In der Juni Ausgabe des deutschen Wirtschaftsmagazins Bilanz auf Seite 14 heißt es: »Windige Geschäfte, Die fälschlicherweise gefeierte juwi AG braucht dringend Geld. Die Geschäftsmethoden der Gründer sind Gegenstand von Untersuchungen, Anleger fürchten um ihr Geld. Ein neuer Fall Prokon?«

 

Im August 2013 bezeichnete juwi den Konsortialkredit von 13 Banken in Höhe von 252 Millionen Euro als »Meilenstein« und »wichtiges Signal für die Energiewende«. Allein das Investitionsvolumen für den Windpark in der Verbandsgemeinde Bad Marienberg hätte diese Summe weit überschritten. Da verwundert es nicht, dass der letzte Geschäftsbericht aus dem Jahr 2011 vorliegt. 2012 und 2013 fehlen weiterhin! In der Schweiz befindet sich die juwi Swiss AG offenbar bereits in Auflösung.

 

Den geldgierigen Homo dominantius oecologicus werden alle diese Argumente nicht interessieren.
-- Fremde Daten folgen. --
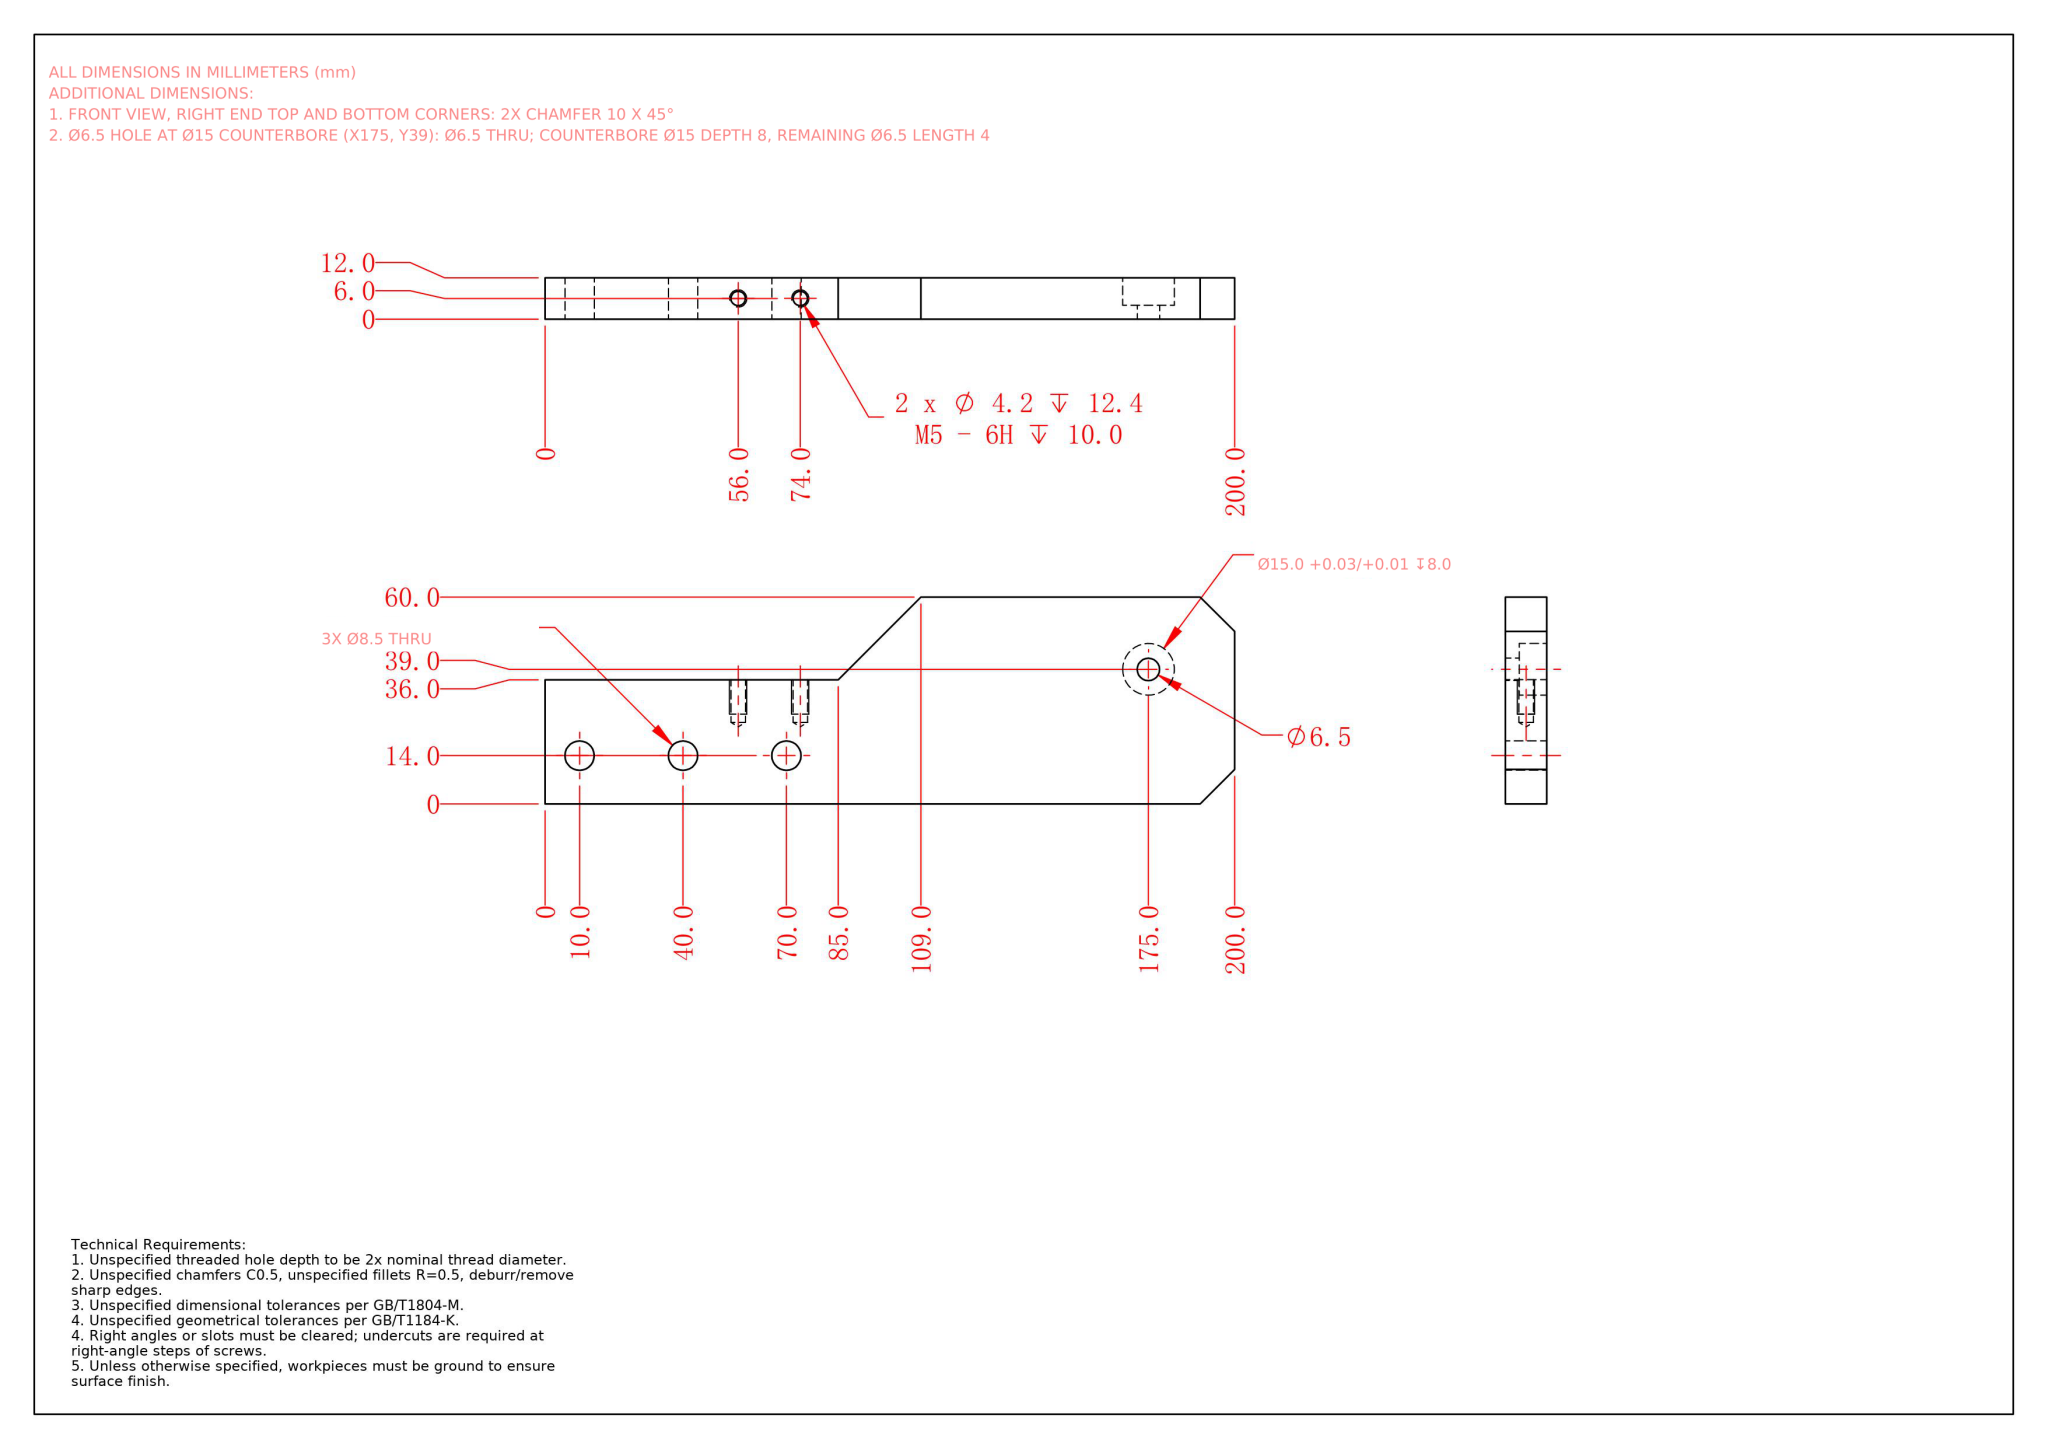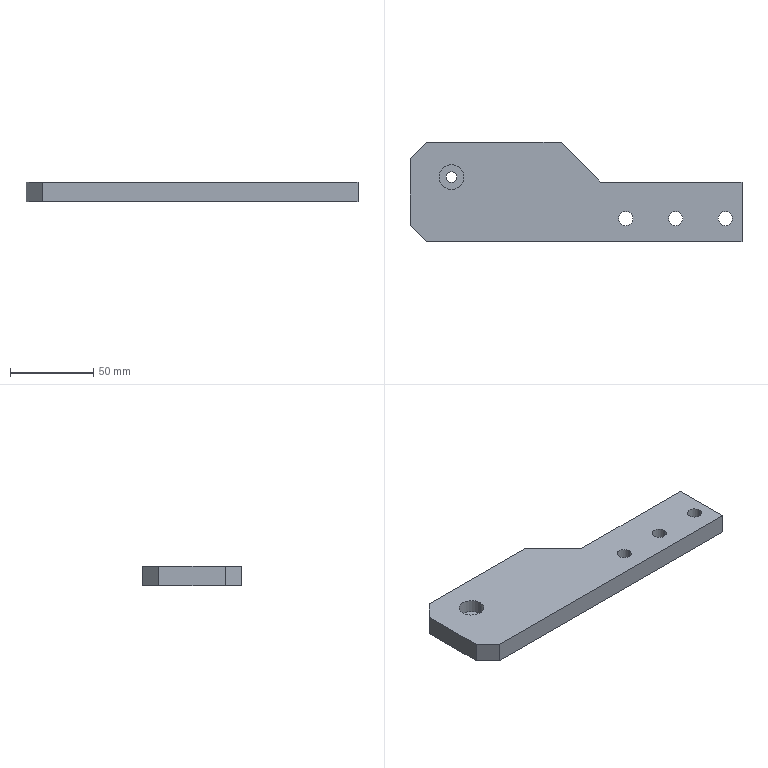Part | NX | mm | 1 solid | 29 faces | box 200 x 60 x 12 mm | volume 110919 mm3 | cylinder 14 | plane 11 | cone 4 | commonest cylinder face diameters 8.5 x6 4.2 x4 6.5 x2 15 x2
STEP:
#1=COLOUR_RGB('',1.,1.,1.);
#2=FILL_AREA_STYLE_COLOUR('',#1);
#3=FILL_AREA_STYLE('',(#2));
#4=SURFACE_STYLE_FILL_AREA(#3);
#5=SURFACE_SIDE_STYLE('',(#4));
#6=SURFACE_STYLE_USAGE(.BOTH.,#5);
#7=PRESENTATION_STYLE_ASSIGNMENT((#6));
#8=CARTESIAN_POINT('',(26.,-6.4,3.9));
#9=VERTEX_POINT('',#8);
#10=CARTESIAN_POINT('',(26.,6.,3.9));
#11=VERTEX_POINT('',#10);
#12=CARTESIAN_POINT('',(26.,6.,3.9));
#13=DIRECTION('',(0.,1.,0.));
#14=VECTOR('',#13,1000.);
#15=LINE('',#12,#14);
#16=EDGE_CURVE('',#9,#11,#15,.T.);
#17=ORIENTED_EDGE('',*,*,#16,.F.);
#18=CARTESIAN_POINT('',(26.,-6.4,8.1));
#19=VERTEX_POINT('',#18);
#20=CARTESIAN_POINT('',(26.,-6.4,6.));
#21=DIRECTION('',(0.,1.,0.));
#22=DIRECTION('',(0.,0.,1.));
#23=AXIS2_PLACEMENT_3D('',#20,#21,#22);
#24=CIRCLE('',#23,2.1);
#25=EDGE_CURVE('',#19,#9,#24,.T.);
#26=ORIENTED_EDGE('',*,*,#25,.F.);
#27=CARTESIAN_POINT('',(26.,6.,8.1));
#28=VERTEX_POINT('',#27);
#29=CARTESIAN_POINT('',(26.,6.,8.1));
#30=DIRECTION('',(0.,1.,0.));
#31=VECTOR('',#30,1000.);
#32=LINE('',#29,#31);
#33=EDGE_CURVE('',#19,#28,#32,.T.);
#34=ORIENTED_EDGE('',*,*,#33,.T.);
#35=CARTESIAN_POINT('',(26.,6.,6.));
#36=DIRECTION('',(0.,1.,0.));
#37=DIRECTION('',(0.,0.,1.));
#38=AXIS2_PLACEMENT_3D('',#35,#36,#37);
#39=CIRCLE('',#38,2.1);
#40=EDGE_CURVE('',#28,#11,#39,.T.);
#41=ORIENTED_EDGE('',*,*,#40,.T.);
#42=EDGE_LOOP('',(#17,#26,#34,#41));
#43=FACE_OUTER_BOUND('',#42,.T.);
#44=CARTESIAN_POINT('',(26.,6.,6.));
#45=DIRECTION('',(0.,1.,0.));
#46=DIRECTION('',(0.,0.,1.));
#47=AXIS2_PLACEMENT_3D('',#44,#45,#46);
#48=CYLINDRICAL_SURFACE('',#47,2.1);
#49=ADVANCED_FACE('',(#43),#48,.F.);
#50=STYLED_ITEM('',(#7),#49);
#51=(LENGTH_UNIT()NAMED_UNIT(*)SI_UNIT(.MILLI.,.METRE.));
#52=UNCERTAINTY_MEASURE_WITH_UNIT(LENGTH_MEASURE(0.00001),#51,'','');
#53=(NAMED_UNIT(*)PLANE_ANGLE_UNIT()SI_UNIT($,.RADIAN.));
#54=(NAMED_UNIT(*)SI_UNIT($,.STERADIAN.)SOLID_ANGLE_UNIT());
#55=(GEOMETRIC_REPRESENTATION_CONTEXT(3)GLOBAL_UNCERTAINTY_ASSIGNED_CONTEXT((#52))GLOBAL_UNIT_ASSIGNED_CONTEXT((#51,#53,#54))REPRESENTATION_CONTEXT('',''));
#56=MECHANICAL_DESIGN_GEOMETRIC_PRESENTATION_REPRESENTATION('',(#50),#55);
#57=COLOUR_RGB('',1.,1.,1.);
#58=FILL_AREA_STYLE_COLOUR('',#57);
#59=FILL_AREA_STYLE('',(#58));
#60=SURFACE_STYLE_FILL_AREA(#59);
#61=SURFACE_SIDE_STYLE('',(#60));
#62=SURFACE_STYLE_USAGE(.BOTH.,#61);
#63=PRESENTATION_STYLE_ASSIGNMENT((#62));
#64=CARTESIAN_POINT('',(44.,-6.4,3.9));
#65=VERTEX_POINT('',#64);
#66=CARTESIAN_POINT('',(44.,-6.4,8.1));
#67=VERTEX_POINT('',#66);
#68=CARTESIAN_POINT('',(44.,-6.4,6.));
#69=DIRECTION('',(0.,1.,0.));
#70=DIRECTION('',(0.,0.,1.));
#71=AXIS2_PLACEMENT_3D('',#68,#69,#70);
#72=CIRCLE('',#71,2.1);
#73=EDGE_CURVE('',#65,#67,#72,.T.);
#74=ORIENTED_EDGE('',*,*,#73,.F.);
#75=CARTESIAN_POINT('',(44.,6.,3.9));
#76=VERTEX_POINT('',#75);
#77=CARTESIAN_POINT('',(44.,6.,3.9));
#78=DIRECTION('',(0.,1.,0.));
#79=VECTOR('',#78,1000.);
#80=LINE('',#77,#79);
#81=EDGE_CURVE('',#65,#76,#80,.T.);
#82=ORIENTED_EDGE('',*,*,#81,.T.);
#83=CARTESIAN_POINT('',(44.,6.,8.1));
#84=VERTEX_POINT('',#83);
#85=CARTESIAN_POINT('',(44.,6.,6.));
#86=DIRECTION('',(0.,1.,0.));
#87=DIRECTION('',(0.,0.,1.));
#88=AXIS2_PLACEMENT_3D('',#85,#86,#87);
#89=CIRCLE('',#88,2.1);
#90=EDGE_CURVE('',#76,#84,#89,.T.);
#91=ORIENTED_EDGE('',*,*,#90,.T.);
#92=CARTESIAN_POINT('',(44.,6.,8.1));
#93=DIRECTION('',(0.,1.,0.));
#94=VECTOR('',#93,1000.);
#95=LINE('',#92,#94);
#96=EDGE_CURVE('',#67,#84,#95,.T.);
#97=ORIENTED_EDGE('',*,*,#96,.F.);
#98=EDGE_LOOP('',(#74,#82,#91,#97));
#99=FACE_OUTER_BOUND('',#98,.T.);
#100=CARTESIAN_POINT('',(44.,6.,6.));
#101=DIRECTION('',(0.,1.,0.));
#102=DIRECTION('',(0.,0.,1.));
#103=AXIS2_PLACEMENT_3D('',#100,#101,#102);
#104=CYLINDRICAL_SURFACE('',#103,2.1);
#105=ADVANCED_FACE('',(#99),#104,.F.);
#106=CARTESIAN_POINT('',(44.,-7.662,6.));
#107=VERTEX_POINT('',#106);
#108=CARTESIAN_POINT('',(44.,-6.4,8.1));
#109=DIRECTION('',(0.,0.515,0.8572));
#110=VECTOR('',#109,1000.);
#111=LINE('',#108,#110);
#112=EDGE_CURVE('',#107,#67,#111,.T.);
#113=ORIENTED_EDGE('',*,*,#112,.F.);
#114=CARTESIAN_POINT('',(44.,-6.4,3.9));
#115=DIRECTION('',(0.,0.515,-0.8572));
#116=VECTOR('',#115,1000.);
#117=LINE('',#114,#116);
#118=EDGE_CURVE('',#107,#65,#117,.T.);
#119=ORIENTED_EDGE('',*,*,#118,.T.);
#120=ORIENTED_EDGE('',*,*,#73,.T.);
#121=EDGE_LOOP('',(#113,#119,#120));
#122=FACE_OUTER_BOUND('',#121,.T.);
#123=CARTESIAN_POINT('',(44.,-6.4,6.));
#124=DIRECTION('',(0.,1.,0.));
#125=DIRECTION('',(0.,0.,1.));
#126=AXIS2_PLACEMENT_3D('',#123,#124,#125);
#127=CONICAL_SURFACE('',#126,2.1,1.03);
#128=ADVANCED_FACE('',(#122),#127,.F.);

Er wird sie wie immer als unsachlich und unqualifiziert abtun und zu guter Letzt mit der energiepolitischen Nazikeule »der Drohung mit der Atomkraft« niederknüppeln.

 

Aber mit den Erneuerbaren Energien ist offenkundig kein Geld zu verdienen, weil weder Wind noch Sonne in ausreichender Menge zur Verfügung stehen. Wir leben offenkundig in einer Diktatur der Dummen. Denn noch immer investieren Menschen ihr sauer erspartes Geld in Windkraft, weil die Politik das so empfiehlt.